Case presentation
A diabetic 26-year-old man was admitted to our center due for prolonged
fever. He had no history of rheumatic or congenital heart disease. He
had been well until three weeks ago, when he began to have fatigue and
general malaise, as well as loss of appetite. At admission, the patient
was febrile at 39°C and tachycardic. His lung sounds were clear, and no
cardiac murmur was audible. There were no signs of heart failure.
The laboratory tests showed an inflammatory syndrome. An
echocardiographic evaluation revealed a normal global systolic left
ventricular function, no valvular disease but we noted a 15 x 11 mm
mobile oscillating large mass with anechogenic content attached to the
mitral anterolateral papillary muscle (Figure 1 ).
Despite the intravenous antibiotic therapy, fever had persisted. A
thoraco-abdominal computed tomography revealed multiple hypodensities of
the brain, the liver and the spleen consistent with septic emboli. The
usual blood cultures were negative and these results were attributed to
prior antibiotics.

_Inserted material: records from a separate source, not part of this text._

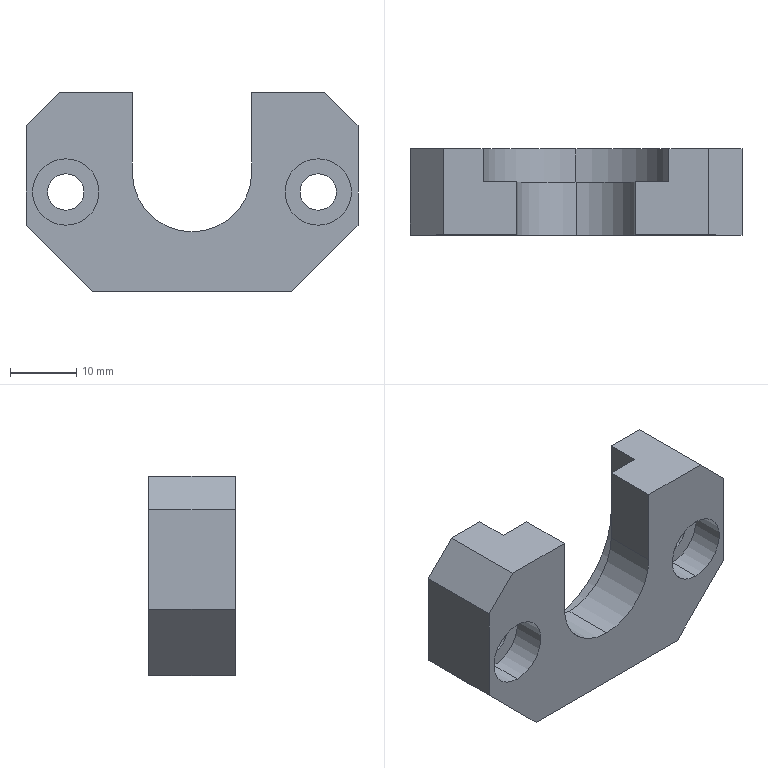Component | SolidWorks | F12529-M5112-1 | 1 solid | 30 faces | box 50 x 13 x 30 mm | volume 10744 mm3 | plane 18 | cylinder 12 | commonest cylinder face diameters 10 x4 5.5 x4 28 x2 18 x2
build123d program:
from build123d import *

# Parameters (mm, degrees)
SKETCH1_W                                            = 50
SKETCH1_H                                            = 30
BOSS_EXTRUDE1_DEPTH                                  = 13
CUT_EXTRUDE2_DEPTH                                   = 32.922
CUT_EXTRUDE3_DEPTH                                   = 5
M5_HEX_SOCKET_HEAD_CAP_SCREW_COUNTERBORE_D           = 5.5
M5_HEX_SOCKET_HEAD_CAP_SCREW_COUNTERBORE_CBORE_D     = 10
M5_HEX_SOCKET_HEAD_CAP_SCREW_COUNTERBORE_CBORE_DEPTH = 5
CHAMFER1_SIZE                                        = 5
CHAMFER2_SIZE                                        = 10


with BuildPart() as part:
    # Sketch1 → Boss-Extrude1 (new body)
    with BuildSketch(Plane(origin=(0, 0, 0), x_dir=(1, 0, 0), z_dir=(0, 1, 0))):
        Rectangle(SKETCH1_W, SKETCH1_H)
    extrude(amount=BOSS_EXTRUDE1_DEPTH)

    # Sketch2 → Cut-Extrude2 (cut, through all)
    with BuildSketch(Plane(origin=(0, 13, 0), x_dir=(1, 0, 0), z_dir=(0, 1, 0))):
        with BuildLine():
            Line((-9, 15), (9, 15))
            Line((9, 15), (9, 3))
            ThreePointArc((9, 3), (0, -6), (-9, 3))
            Line((-9, 3), (-9, 15))
        make_face()
    extrude(amount=-CUT_EXTRUDE2_DEPTH, mode=Mode.SUBTRACT)

    # Sketch3 → Cut-Extrude3 (cut)
    with BuildSketch(Plane(origin=(0, 13, 0), x_dir=(1, 0, 0), z_dir=(0, 1, 0))):
        with BuildLine():
            Line((-14, 15), (14, 15))
            Line((14, 15), (14, 3))
            ThreePointArc((14, 3), (0, -11), (-14, 3))
            Line((-14, 3), (-14, 15))
        make_face()
    extrude(amount=-CUT_EXTRUDE3_DEPTH, mode=Mode.SUBTRACT)

    # M5 Hex Socket Head Cap Screw Counterbore (through all)
    with Locations(Plane.XZ):
        with Locations((19, 0), (-19, 0)):
            CounterBoreHole(M5_HEX_SOCKET_HEAD_CAP_SCREW_COUNTERBORE_D / 2, M5_HEX_SOCKET_HEAD_CAP_SCREW_COUNTERBORE_CBORE_D / 2, M5_HEX_SOCKET_HEAD_CAP_SCREW_COUNTERBORE_CBORE_DEPTH)

    # Chamfer1
    chamfer1_edges = [part.edges().sort_by_distance(p)[0] for p in [
        (-25, 6.5, -15),
        (25, 6.5, -15),
    ]]
    chamfer(chamfer1_edges, length=CHAMFER1_SIZE)

    # Chamfer2
    chamfer2_edges = [part.edges().sort_by_distance(p)[0] for p in [
        (25, 6.5, 15),
        (-25, 6.5, 15),
    ]]
    chamfer(chamfer2_edges, length=CHAMFER2_SIZE)


solid = part.part

# Placed as in the assembly
solid = solid.moved(Location((0, 108, -3), (-180, 0, 180)))
STEP:
#1=CARTESIAN_POINT('',(-0.748,4.449,-0.315));
#2=VERTEX_POINT('',#1);
#3=CARTESIAN_POINT('',(-0.748,4.449,0.07874));
#4=VERTEX_POINT('',#3);
#5=CARTESIAN_POINT('',(-0.748,4.449,-0.1181));
#6=DIRECTION('',(-0.,-1.,-0.));
#7=DIRECTION('',(0.,0.,1.));
#8=AXIS2_PLACEMENT_3D('',#5,#6,#7);
#9=CIRCLE('',#8,0.1969);
#10=EDGE_CURVE('',#2,#4,#9,.T.);
#11=ORIENTED_EDGE('',*,*,#10,.F.);
#12=CARTESIAN_POINT('',(-0.748,4.252,-0.315));
#13=VERTEX_POINT('',#12);
#14=CARTESIAN_POINT('',(-0.748,4.252,-0.315));
#15=DIRECTION('',(-0.,-1.,-0.));
#16=VECTOR('',#15,39.37);
#17=LINE('',#14,#16);
#18=EDGE_CURVE('',#2,#13,#17,.T.);
#19=ORIENTED_EDGE('',*,*,#18,.T.);
#20=CARTESIAN_POINT('',(-0.748,4.252,0.07874));
#21=VERTEX_POINT('',#20);
#22=CARTESIAN_POINT('',(-0.748,4.252,-0.1181));
#23=DIRECTION('',(-0.,-1.,-0.));
#24=DIRECTION('',(0.,0.,1.));
#25=AXIS2_PLACEMENT_3D('',#22,#23,#24);
#26=CIRCLE('',#25,0.1969);
#27=EDGE_CURVE('',#13,#21,#26,.T.);
#28=ORIENTED_EDGE('',*,*,#27,.T.);
#29=CARTESIAN_POINT('',(-0.748,4.252,0.07874));
#30=DIRECTION('',(-0.,-1.,-0.));
#31=VECTOR('',#30,39.37);
#32=LINE('',#29,#31);
#33=EDGE_CURVE('',#4,#21,#32,.T.);
#34=ORIENTED_EDGE('',*,*,#33,.F.);
#35=EDGE_LOOP('',(#11,#19,#28,#34));
#36=FACE_OUTER_BOUND('',#35,.T.);
#37=CARTESIAN_POINT('',(-0.748,4.252,-0.1181));
#38=DIRECTION('',(-0.,-1.,-0.));
#39=DIRECTION('',(0.,0.,1.));
#40=AXIS2_PLACEMENT_3D('',#37,#38,#39);
#41=CYLINDRICAL_SURFACE('',#40,0.1969);
#42=ADVANCED_FACE('',(#36),#41,.F.);
#43=CARTESIAN_POINT('',(-0.748,4.764,-0.2264));
#44=VERTEX_POINT('',#43);
#45=CARTESIAN_POINT('',(-0.748,4.764,-0.009843));
#46=VERTEX_POINT('',#45);
#47=CARTESIAN_POINT('',(-0.748,4.764,-0.1181));
#48=DIRECTION('',(-0.,-1.,-0.));
#49=DIRECTION('',(0.,0.,1.));
#50=AXIS2_PLACEMENT_3D('',#47,#48,#49);
#51=CIRCLE('',#50,0.1083);
#52=EDGE_CURVE('',#44,#46,#51,.T.);
#53=ORIENTED_EDGE('',*,*,#52,.F.);
#54=CARTESIAN_POINT('',(-0.748,4.449,-0.2264));
#55=VERTEX_POINT('',#54);
#56=CARTESIAN_POINT('',(-0.748,4.252,-0.2264));
#57=DIRECTION('',(-0.,-1.,-0.));
#58=VECTOR('',#57,39.37);
#59=LINE('',#56,#58);
#60=EDGE_CURVE('',#44,#55,#59,.T.);
#61=ORIENTED_EDGE('',*,*,#60,.T.);
#62=CARTESIAN_POINT('',(-0.748,4.449,-0.009843));
#63=VERTEX_POINT('',#62);
#64=CARTESIAN_POINT('',(-0.748,4.449,-0.1181));
#65=DIRECTION('',(-0.,-1.,-0.));
#66=DIRECTION('',(0.,0.,1.));
#67=AXIS2_PLACEMENT_3D('',#64,#65,#66);
#68=CIRCLE('',#67,0.1083);
#69=EDGE_CURVE('',#55,#63,#68,.T.);
#70=ORIENTED_EDGE('',*,*,#69,.T.);
#71=CARTESIAN_POINT('',(-0.748,4.252,-0.009843));
#72=DIRECTION('',(-0.,-1.,-0.));
#73=VECTOR('',#72,39.37);
#74=LINE('',#71,#73);
#75=EDGE_CURVE('',#46,#63,#74,.T.);
#76=ORIENTED_EDGE('',*,*,#75,.F.);
#77=EDGE_LOOP('',(#53,#61,#70,#76));
#78=FACE_OUTER_BOUND('',#77,.T.);
#79=CARTESIAN_POINT('',(-0.748,4.252,-0.1181));
#80=DIRECTION('',(-0.,-1.,-0.));
#81=DIRECTION('',(0.,0.,1.));
#82=AXIS2_PLACEMENT_3D('',#79,#80,#81);
#83=CYLINDRICAL_SURFACE('',#82,0.1083);
#84=ADVANCED_FACE('',(#78),#83,.F.);
#85=CARTESIAN_POINT('',(0.748,4.449,-0.315));
#86=VERTEX_POINT('',#85);
#87=CARTESIAN_POINT('',(0.748,4.449,0.07874));
#88=VERTEX_POINT('',#87);
#89=CARTESIAN_POINT('',(0.748,4.449,-0.1181));
#90=DIRECTION('',(-0.,-1.,-0.));
#91=DIRECTION('',(0.,0.,1.));
#92=AXIS2_PLACEMENT_3D('',#89,#90,#91);
#93=CIRCLE('',#92,0.1969);
#94=EDGE_CURVE('',#86,#88,#93,.T.);
#95=ORIENTED_EDGE('',*,*,#94,.F.);
#96=CARTESIAN_POINT('',(0.748,4.252,-0.315));
#97=VERTEX_POINT('',#96);
#98=CARTESIAN_POINT('',(0.748,4.252,-0.315));
#99=DIRECTION('',(-0.,-1.,-0.));
#100=VECTOR('',#99,39.37);
#101=LINE('',#98,#100);
#102=EDGE_CURVE('',#86,#97,#101,.T.);
#103=ORIENTED_EDGE('',*,*,#102,.T.);
#104=CARTESIAN_POINT('',(0.748,4.252,0.07874));
#105=VERTEX_POINT('',#104);
#106=CARTESIAN_POINT('',(0.748,4.252,-0.1181));
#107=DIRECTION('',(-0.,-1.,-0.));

Few days after hospitalization, the patient’s
clinical condition worsened and pulmonary congestion appeared suddenly.
The physical examination revealed a new pansystolic murmur consistent
with mitral regurgitation. There was no electrocardiographic change
suggesting an acute or subacute myocardial infarction.
Transthoracic echocardiography (TTE) and transesophageal
echocardiography (TEE) examinations were repeated. Echocardiographic
studies showed a hyperdynamic left ventricle with no regional
wall-motion abnormality but we noticed severe mitral regurgitation with
a prolapse of the anterior mitral valve due to the rupture of the mitral
anterolateral papillary muscle, which explained the patient clinical
status (Figure 2 ). The diagnosis of IE complicated by severe
mitral regurgitation was established. The patient was admitted to
intensive care unit for stabilization with medical therapy. Then, he
underwent urgent prosthetic mitral valve replacement. On surgical
inspection, total complete rupture of the tip of anterolateral papillary
muscle was found (Figure 3 ).
The histologic examination of the resected tissues revealed a
non-specific inflammation with fibrosis. The valve culture was negative.
Given the histologic examination results, the diagnosis was a mitral
valve IE complicated by anterolateral papillary muscle rupture due to
direct germ invasion. After 8 weeks of IV antibiotic therapy, the
patient was uneventfully discharged.